1. A motor/generator comprising:

a rotor having an outer periphery;

a cylindrical stator core facing the outer periphery of a rotor, the cylindrical stator core having two ends;

a base plate laminated on an end of the stator core;

plural coils wound on a laminated body comprising the stator core and the base plate;

a cooling jacket attached to the base plate, a cooling liquid being supplied to the cooling jacket; and

a case housing the cooling jacket and the stator core, and holding the cooling jacket in a state pressed towards the stator core.

2. The motor/generator as defined in claim 1, wherein the stator core has two ends in an axial orientation, and the base plate and the cooling jacket are both disposed on the two ends of the stator core.

3. The motor/generator as defined in claim 1, wherein the coil comprises a projection projecting from the base plate in an axial direction, and the cooling jacket is adapted to envelope the projection.

4. The motor/generator as defined in claim 1, wherein the base plate comprises an electrically insulating member having the same shape as the cross-sectional shape of the stator core.

5. The motor/generator as defined in claim 1, wherein the case comprises a cylinder covering the outer periphery of the cooling jacket, and two end planks sealing both ends of the cylinder, the end planks being fixed to the cylinder so as to press the cooling jackets towards the stator core.

6. The motor/generator as defined in claim 5, wherein sealant is applied to the abutting sections of the cooling jacket and the base plate.

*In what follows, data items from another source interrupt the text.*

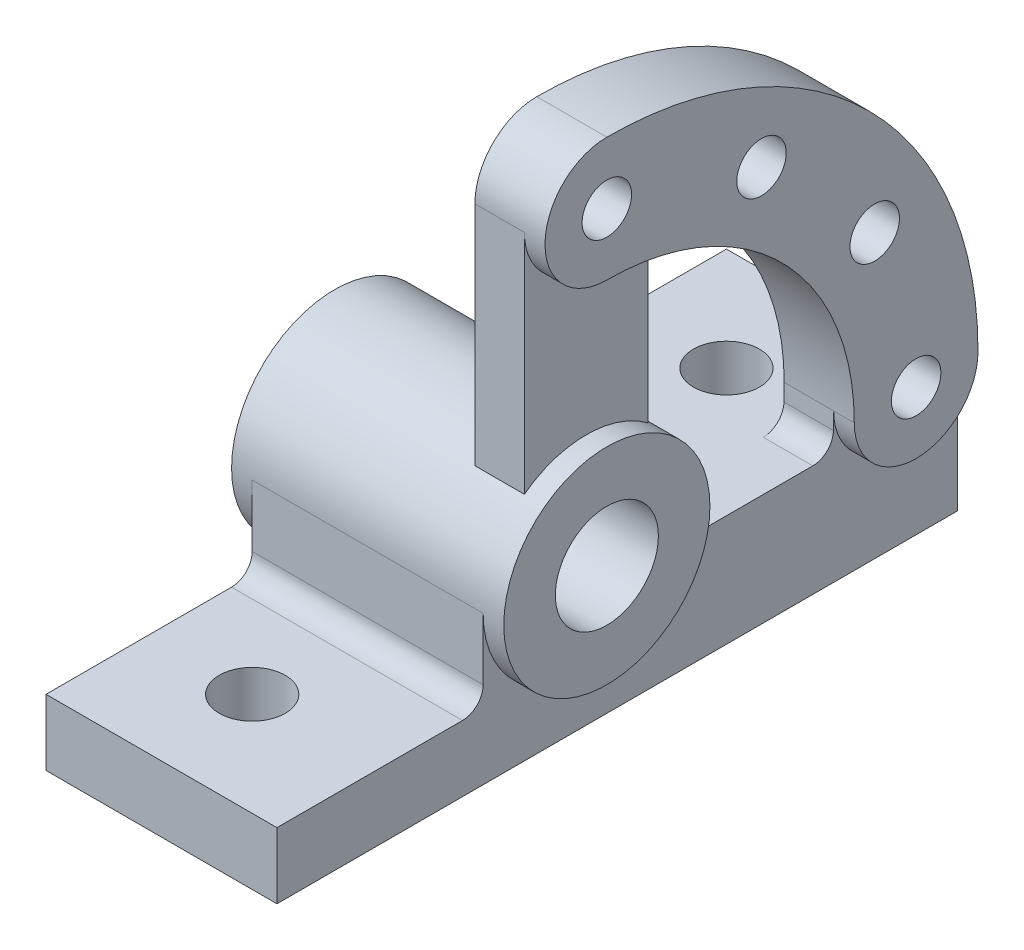
ISO-10303-21;
HEADER;
FILE_DESCRIPTION(('STEP AP214'),'2;1');
FILE_NAME('part.step','',(''),(''),'','','');
FILE_SCHEMA(('AUTOMOTIVE_DESIGN { 1 0 10303 214 1 1 1 1 }'));
ENDSEC;
DATA;
#1=APPLICATION_CONTEXT('core data for automotive mechanical design processes');
#2=APPLICATION_PROTOCOL_DEFINITION('international standard','automotive_design',2000,#1);
#3=PRODUCT_CONTEXT('',#1,'mechanical');
#4=PRODUCT('Part','Part','',(#3));
#5=PRODUCT_RELATED_PRODUCT_CATEGORY('part','',(#4));
#6=PRODUCT_DEFINITION_FORMATION('','',#4);
#7=PRODUCT_DEFINITION_CONTEXT('part definition',#1,'design');
#8=PRODUCT_DEFINITION('design','',#6,#7);
#9=PRODUCT_DEFINITION_SHAPE('','',#8);
#10=(LENGTH_UNIT() NAMED_UNIT(*) SI_UNIT(.MILLI.,.METRE.));
#11=(NAMED_UNIT(*) PLANE_ANGLE_UNIT() SI_UNIT($,.RADIAN.));
#12=(NAMED_UNIT(*) SI_UNIT($,.STERADIAN.) SOLID_ANGLE_UNIT());
#13=UNCERTAINTY_MEASURE_WITH_UNIT(LENGTH_MEASURE(1.E-05),#10,'distance_accuracy_value','');
#14=(GEOMETRIC_REPRESENTATION_CONTEXT(3) GLOBAL_UNCERTAINTY_ASSIGNED_CONTEXT((#13)) GLOBAL_UNIT_ASSIGNED_CONTEXT((#10,
#11,#12)) REPRESENTATION_CONTEXT('',''));
#15=CARTESIAN_POINT('',(0.,0.,0.));
#16=DIRECTION('',(0.,0.,1.));
#17=DIRECTION('',(1.,0.,0.));
#18=AXIS2_PLACEMENT_3D('',#15,#16,#17);
#19=CARTESIAN_POINT('',(-28.,36.,7.50000000000001));
#20=DIRECTION('',(1.,0.,0.));
#21=DIRECTION('',(0.,0.,-1.));
#22=AXIS2_PLACEMENT_3D('',#19,#20,#21);
#23=CYLINDRICAL_SURFACE('',#22,25.);
#24=DIRECTION('',(1.,0.,0.));
#25=VECTOR('',#24,1.);
#26=CARTESIAN_POINT('',(-28.,36.,32.5));
#27=LINE('',#26,#25);
#28=CARTESIAN_POINT('',(-28.,36.,32.5));
#29=VERTEX_POINT('',#28);
#30=CARTESIAN_POINT('',(28.,36.,32.5));
#31=VERTEX_POINT('',#30);
#32=EDGE_CURVE('E338',#29,#31,#27,.T.);
#33=ORIENTED_EDGE('',*,*,#32,.T.);
#34=CARTESIAN_POINT('',(28.,36.,7.5));
#35=DIRECTION('',(1.,0.,0.));
#36=DIRECTION('',(0.,0.,-1.));
#37=AXIS2_PLACEMENT_3D('',#34,#35,#36);
#38=CIRCLE('',#37,25.);
#39=CARTESIAN_POINT('',(28.,32.6666666666667,-17.2767812455308));
#40=VERTEX_POINT('',#39);
#41=EDGE_CURVE('E300',#31,#40,#38,.T.);
#42=ORIENTED_EDGE('',*,*,#41,.T.);
#43=DIRECTION('',(1.,0.,0.));
#44=VECTOR('',#43,1.);
#45=CARTESIAN_POINT('',(-28.,32.6666666666667,-17.2767812455308));
#46=LINE('',#45,#44);
#47=CARTESIAN_POINT('',(-28.,32.6666666666667,-17.2767812455308));
#48=VERTEX_POINT('',#47);
#49=EDGE_CURVE('E343',#48,#40,#46,.T.);
#50=ORIENTED_EDGE('',*,*,#49,.F.);
#51=CARTESIAN_POINT('',(-28.,36.,7.50000000000001));
#52=DIRECTION('',(-1.,0.,0.));
#53=DIRECTION('',(0.,0.,1.));
#54=AXIS2_PLACEMENT_3D('',#51,#52,#53);
#55=CIRCLE('',#54,25.);
#56=EDGE_CURVE('E57',#48,#29,#55,.T.);
#57=ORIENTED_EDGE('',*,*,#56,.T.);
#58=EDGE_LOOP('',(#33,#42,#50,#57));
#59=FACE_BOUND('',#58,.T.);
#60=CARTESIAN_POINT('',(-33.,36.,7.50000000000001));
#61=DIRECTION('',(-1.,0.,0.));
#62=DIRECTION('',(0.,0.,1.));
#63=AXIS2_PLACEMENT_3D('',#60,#61,#62);
#64=CIRCLE('',#63,25.);
#65=CARTESIAN_POINT('',(-33.,36.,32.5));
#66=VERTEX_POINT('',#65);
#67=EDGE_CURVE('E308',#66,#66,#64,.T.);
#68=ORIENTED_EDGE('',*,*,#67,.F.);
#69=EDGE_LOOP('',(#68));
#70=FACE_BOUND('',#69,.T.);
#71=CARTESIAN_POINT('',(33.,36.,7.5));
#72=DIRECTION('',(1.,0.,0.));
#73=DIRECTION('',(0.,0.,-1.));
#74=AXIS2_PLACEMENT_3D('',#71,#72,#73);
#75=CIRCLE('',#74,25.);
#76=CARTESIAN_POINT('',(33.,36.,-17.5));
#77=VERTEX_POINT('',#76);
#78=EDGE_CURVE('E298',#77,#77,#75,.T.);
#79=ORIENTED_EDGE('',*,*,#78,.F.);
#80=EDGE_LOOP('',(#79));
#81=FACE_BOUND('',#80,.T.);
#82=DIRECTION('',(1.,0.,0.));
#83=VECTOR('',#82,1.);
#84=CARTESIAN_POINT('',(-28.,56.,-7.50000000000005));
#85=LINE('',#84,#83);
#86=CARTESIAN_POINT('',(28.,56.,-7.50000000000006));
#87=VERTEX_POINT('',#86);
#88=CARTESIAN_POINT('',(16.,56.,-7.50000000000005));
#89=VERTEX_POINT('',#88);
#90=EDGE_CURVE('E63',#87,#89,#85,.F.);
#91=ORIENTED_EDGE('',*,*,#90,.F.);
#92=CARTESIAN_POINT('',(28.,36.,7.5));
#93=DIRECTION('',(-1.,0.,0.));
#94=DIRECTION('',(0.,0.,1.));
#95=AXIS2_PLACEMENT_3D('',#92,#93,#94);
#96=CIRCLE('',#95,25.);
#97=CARTESIAN_POINT('',(28.,56.,22.4999999999999));
#98=VERTEX_POINT('',#97);
#99=EDGE_CURVE('E70',#87,#98,#96,.F.);
#100=ORIENTED_EDGE('',*,*,#99,.T.);
#101=DIRECTION('',(1.,0.,0.));
#102=VECTOR('',#101,1.);
#103=CARTESIAN_POINT('',(-28.,56.,22.4999999999999));
#104=LINE('',#103,#102);
#105=CARTESIAN_POINT('',(16.,56.,22.4999999999999));
#106=VERTEX_POINT('',#105);
#107=EDGE_CURVE('E179',#106,#98,#104,.T.);
#108=ORIENTED_EDGE('',*,*,#107,.F.);
#109=CARTESIAN_POINT('',(16.,36.,7.50000000000001));
#110=DIRECTION('',(-1.,0.,0.));
#111=DIRECTION('',(0.,0.,1.));
#112=AXIS2_PLACEMENT_3D('',#109,#110,#111);
#113=CIRCLE('',#112,25.);
#114=EDGE_CURVE('E185',#89,#106,#113,.F.);
#115=ORIENTED_EDGE('',*,*,#114,.F.);
#116=EDGE_LOOP('',(#91,#100,#108,#115));
#117=FACE_BOUND('',#116,.T.);
#118=ADVANCED_FACE('F50',(#59,#70,#81,#117),#23,.T.);
#119=CARTESIAN_POINT('',(28.,16.,-82.5));
#120=DIRECTION('',(-1.,0.,0.));
#121=DIRECTION('',(0.,0.,1.));
#122=AXIS2_PLACEMENT_3D('',#119,#120,#121);
#123=PLANE('',#122);
#124=CARTESIAN_POINT('',(28.,36.,-67.5));
#125=DIRECTION('',(1.,0.,0.));
#126=DIRECTION('',(0.,0.,-1.));
#127=AXIS2_PLACEMENT_3D('',#124,#125,#126);
#128=CIRCLE('',#127,15.);
#129=CARTESIAN_POINT('',(28.,36.,-52.5));
#130=VERTEX_POINT('',#129);
#131=CARTESIAN_POINT('',(28.,36.,-82.5));
#132=VERTEX_POINT('',#131);
#133=EDGE_CURVE('E228',#130,#132,#128,.T.);
#134=ORIENTED_EDGE('',*,*,#133,.F.);
#135=DIRECTION('',(0.,-0.999889292581698,0.0148796028331465));
#136=VECTOR('',#135,1.);
#137=CARTESIAN_POINT('',(28.,-0.773122173516407,-51.9527699646989));
#138=LINE('',#137,#136);
#139=CARTESIAN_POINT('',(28.,31.9256019858343,-52.4393678633378));
#140=VERTEX_POINT('',#139);
#141=EDGE_CURVE('E252',#130,#140,#138,.T.);
#142=ORIENTED_EDGE('',*,*,#141,.T.);
#143=CARTESIAN_POINT('',(28.,32.,-47.4399214004293));
#144=DIRECTION('',(1.,0.,0.));
#145=DIRECTION('',(0.,0.,-1.));
#146=AXIS2_PLACEMENT_3D('',#143,#144,#145);
#147=CIRCLE('',#146,4.99999999999999);
#148=CARTESIAN_POINT('',(28.,27.,-47.4399214004293));
#149=VERTEX_POINT('',#148);
#150=EDGE_CURVE('E250',#140,#149,#147,.F.);
#151=ORIENTED_EDGE('',*,*,#150,.T.);
#152=DIRECTION('',(0.,0.,1.));
#153=VECTOR('',#152,1.);
#154=CARTESIAN_POINT('',(28.,27.,0.));
#155=LINE('',#154,#153);
#156=CARTESIAN_POINT('',(28.,27.,-22.232137494637));
#157=VERTEX_POINT('',#156);
#158=EDGE_CURVE('E327',#149,#157,#155,.T.);
#159=ORIENTED_EDGE('',*,*,#158,.T.);
#160=CARTESIAN_POINT('',(28.,32.,-22.232137494637));
#161=DIRECTION('',(1.,0.,0.));
#162=DIRECTION('',(0.,0.,-1.));
#163=AXIS2_PLACEMENT_3D('',#160,#161,#162);
#164=CIRCLE('',#163,5.00000000000001);
#165=EDGE_CURVE('E329',#40,#157,#164,.T.);
#166=ORIENTED_EDGE('',*,*,#165,.F.);
#167=ORIENTED_EDGE('',*,*,#41,.F.);
#168=DIRECTION('',(0.,-1.,0.));
#169=VECTOR('',#168,1.);
#170=CARTESIAN_POINT('',(28.,0.,32.5));
#171=LINE('',#170,#169);
#172=CARTESIAN_POINT('',(28.,21.,32.5));
#173=VERTEX_POINT('',#172);
#174=EDGE_CURVE('E320',#31,#173,#171,.T.);
#175=ORIENTED_EDGE('',*,*,#174,.T.);
#176=CARTESIAN_POINT('',(28.,21.,37.5));
#177=DIRECTION('',(1.,0.,0.));
#178=DIRECTION('',(0.,0.,-1.));
#179=AXIS2_PLACEMENT_3D('',#176,#177,#178);
#180=CIRCLE('',#179,5.);
#181=CARTESIAN_POINT('',(28.,16.,37.5));
#182=VERTEX_POINT('',#181);
#183=EDGE_CURVE('E310',#173,#182,#180,.F.);
#184=ORIENTED_EDGE('',*,*,#183,.T.);
#185=DIRECTION('',(0.,0.,-1.));
#186=VECTOR('',#185,1.);
#187=CARTESIAN_POINT('',(28.,16.,-82.5));
#188=LINE('',#187,#186);
#189=CARTESIAN_POINT('',(28.,16.,82.5));
#190=VERTEX_POINT('',#189);
#191=EDGE_CURVE('E352',#190,#182,#188,.T.);
#192=ORIENTED_EDGE('',*,*,#191,.F.);
#193=DIRECTION('',(0.,-1.,0.));
#194=VECTOR('',#193,1.);
#195=CARTESIAN_POINT('',(28.,16.,82.5));
#196=LINE('',#195,#194);
#197=CARTESIAN_POINT('',(28.,0.,82.5));
#198=VERTEX_POINT('',#197);
#199=EDGE_CURVE('E356',#190,#198,#196,.T.);
#200=ORIENTED_EDGE('',*,*,#199,.T.);
#201=DIRECTION('',(0.,0.,-1.));
#202=VECTOR('',#201,1.);
#203=CARTESIAN_POINT('',(28.,0.,-82.5));
#204=LINE('',#203,#202);
#205=CARTESIAN_POINT('',(28.,0.,-82.5));
#206=VERTEX_POINT('',#205);
#207=EDGE_CURVE('E340',#198,#206,#204,.T.);
#208=ORIENTED_EDGE('',*,*,#207,.T.);
#209=DIRECTION('',(0.,-1.,0.));
#210=VECTOR('',#209,1.);
#211=CARTESIAN_POINT('',(28.,16.,-82.5));
#212=LINE('',#211,#210);
#213=EDGE_CURVE('E315',#132,#206,#212,.T.);
#214=ORIENTED_EDGE('',*,*,#213,.F.);
#215=EDGE_LOOP('',(#134,#142,#151,#159,#166,#167,#175,#184,#192,#200,#208,#214));
#216=FACE_BOUND('',#215,.T.);
#217=ADVANCED_FACE('F47',(#216),#123,.F.);
#218=CARTESIAN_POINT('',(0.,16.,0.));
#219=DIRECTION('',(0.,1.,0.));
#220=DIRECTION('',(0.,0.,1.));
#221=AXIS2_PLACEMENT_3D('',#218,#219,#220);
#222=PLANE('',#221);
#223=CARTESIAN_POINT('',(-2.99999999999999,16.,57.5));
#224=DIRECTION('',(0.,1.,0.));
#225=DIRECTION('',(0.,0.,1.));
#226=AXIS2_PLACEMENT_3D('',#223,#224,#225);
#227=CIRCLE('',#226,8.);
#228=CARTESIAN_POINT('',(-2.99999999999999,16.,65.5));
#229=VERTEX_POINT('',#228);
#230=EDGE_CURVE('E210',#229,#229,#227,.T.);
#231=ORIENTED_EDGE('',*,*,#230,.F.);
#232=EDGE_LOOP('',(#231));
#233=FACE_BOUND('',#232,.T.);
#234=ORIENTED_EDGE('',*,*,#191,.T.);
#235=DIRECTION('',(1.,0.,0.));
#236=VECTOR('',#235,1.);
#237=CARTESIAN_POINT('',(-28.,16.,37.5));
#238=LINE('',#237,#236);
#239=CARTESIAN_POINT('',(-28.,16.,37.5));
#240=VERTEX_POINT('',#239);
#241=EDGE_CURVE('E324',#240,#182,#238,.T.);
#242=ORIENTED_EDGE('',*,*,#241,.F.);
#243=DIRECTION('',(0.,0.,1.));
#244=VECTOR('',#243,1.);
#245=CARTESIAN_POINT('',(-28.,16.,-82.5));
#246=LINE('',#245,#244);
#247=CARTESIAN_POINT('',(-28.,16.,82.5));
#248=VERTEX_POINT('',#247);
#249=EDGE_CURVE('E353',#240,#248,#246,.T.);
#250=ORIENTED_EDGE('',*,*,#249,.T.);
#251=DIRECTION('',(1.,0.,0.));
#252=VECTOR('',#251,1.);
#253=CARTESIAN_POINT('',(-28.,16.,82.5));
#254=LINE('',#253,#252);
#255=EDGE_CURVE('E358',#248,#190,#254,.T.);
#256=ORIENTED_EDGE('',*,*,#255,.T.);
#257=EDGE_LOOP('',(#234,#242,#250,#256));
#258=FACE_BOUND('',#257,.T.);
#259=ADVANCED_FACE('F470',(#233,#258),#222,.T.);
#260=CARTESIAN_POINT('',(-28.,16.,-82.5));
#261=DIRECTION('',(0.,0.,1.));
#262=DIRECTION('',(1.,0.,0.));
#263=AXIS2_PLACEMENT_3D('',#260,#261,#262);
#264=PLANE('',#263);
#265=ORIENTED_EDGE('',*,*,#213,.T.);
#266=DIRECTION('',(-1.,0.,0.));
#267=VECTOR('',#266,1.);
#268=CARTESIAN_POINT('',(-28.,0.,-82.5));
#269=LINE('',#268,#267);
#270=CARTESIAN_POINT('',(-28.,0.,-82.5));
#271=VERTEX_POINT('',#270);
#272=EDGE_CURVE('E363',#206,#271,#269,.T.);
#273=ORIENTED_EDGE('',*,*,#272,.T.);
#274=DIRECTION('',(0.,-1.,0.));
#275=VECTOR('',#274,1.);
#276=CARTESIAN_POINT('',(-28.,16.,-82.5));
#277=LINE('',#276,#275);
#278=CARTESIAN_POINT('',(-28.,27.,-82.5));
#279=VERTEX_POINT('',#278);
#280=EDGE_CURVE('E371',#279,#271,#277,.T.);
#281=ORIENTED_EDGE('',*,*,#280,.F.);
#282=DIRECTION('',(1.,0.,0.));
#283=VECTOR('',#282,1.);
#284=CARTESIAN_POINT('',(-28.,27.,-82.5));
#285=LINE('',#284,#283);
#286=CARTESIAN_POINT('',(16.,27.,-82.5));
#287=VERTEX_POINT('',#286);
#288=EDGE_CURVE('E347',#279,#287,#285,.T.);
#289=ORIENTED_EDGE('',*,*,#288,.T.);
#290=DIRECTION('',(0.,-1.,0.));
#291=VECTOR('',#290,1.);
#292=CARTESIAN_POINT('',(16.,0.,-82.5));
#293=LINE('',#292,#291);
#294=CARTESIAN_POINT('',(16.,36.,-82.5));
#295=VERTEX_POINT('',#294);
#296=EDGE_CURVE('E253',#295,#287,#293,.T.);
#297=ORIENTED_EDGE('',*,*,#296,.F.);
#298=DIRECTION('',(1.,0.,0.));
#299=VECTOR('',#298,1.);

7. The motor/generator as defined in claim 1, wherein the cooling jacket is fitted to the base plate via engagement members which fit the cooling jacket to the base plate at a predetermined position and prevent the cooling jacket from detaching from the base plate.

8. The motor/generator as defined in claim 7, wherein the engagement members comprise a connecting projection and a engagement indentation, the connecting projection capable of elastic deformation and formed in the cooling jacket, the engagement indentation formed on the base plate and adapted to accommodate the connecting projection after the connecting projection undergoes elastic deformation and prevent thereafter the connecting projection from detaching from the base plate.

9. The motor/generator as defined in claim 7, wherein the cooling jacket comprises an inner peripheral wall, and the engagement members comprise an adapter comprising a cylindrical wall face which is fixed to the inner peripheral section of the base plate and which abuts with the tip of the inner peripheral wall in a direction from the center of the base plate.

10. The motor/generator as defined in claim 9, wherein the adapter comprises a plurality of pieces partitioned in a circumferential direction.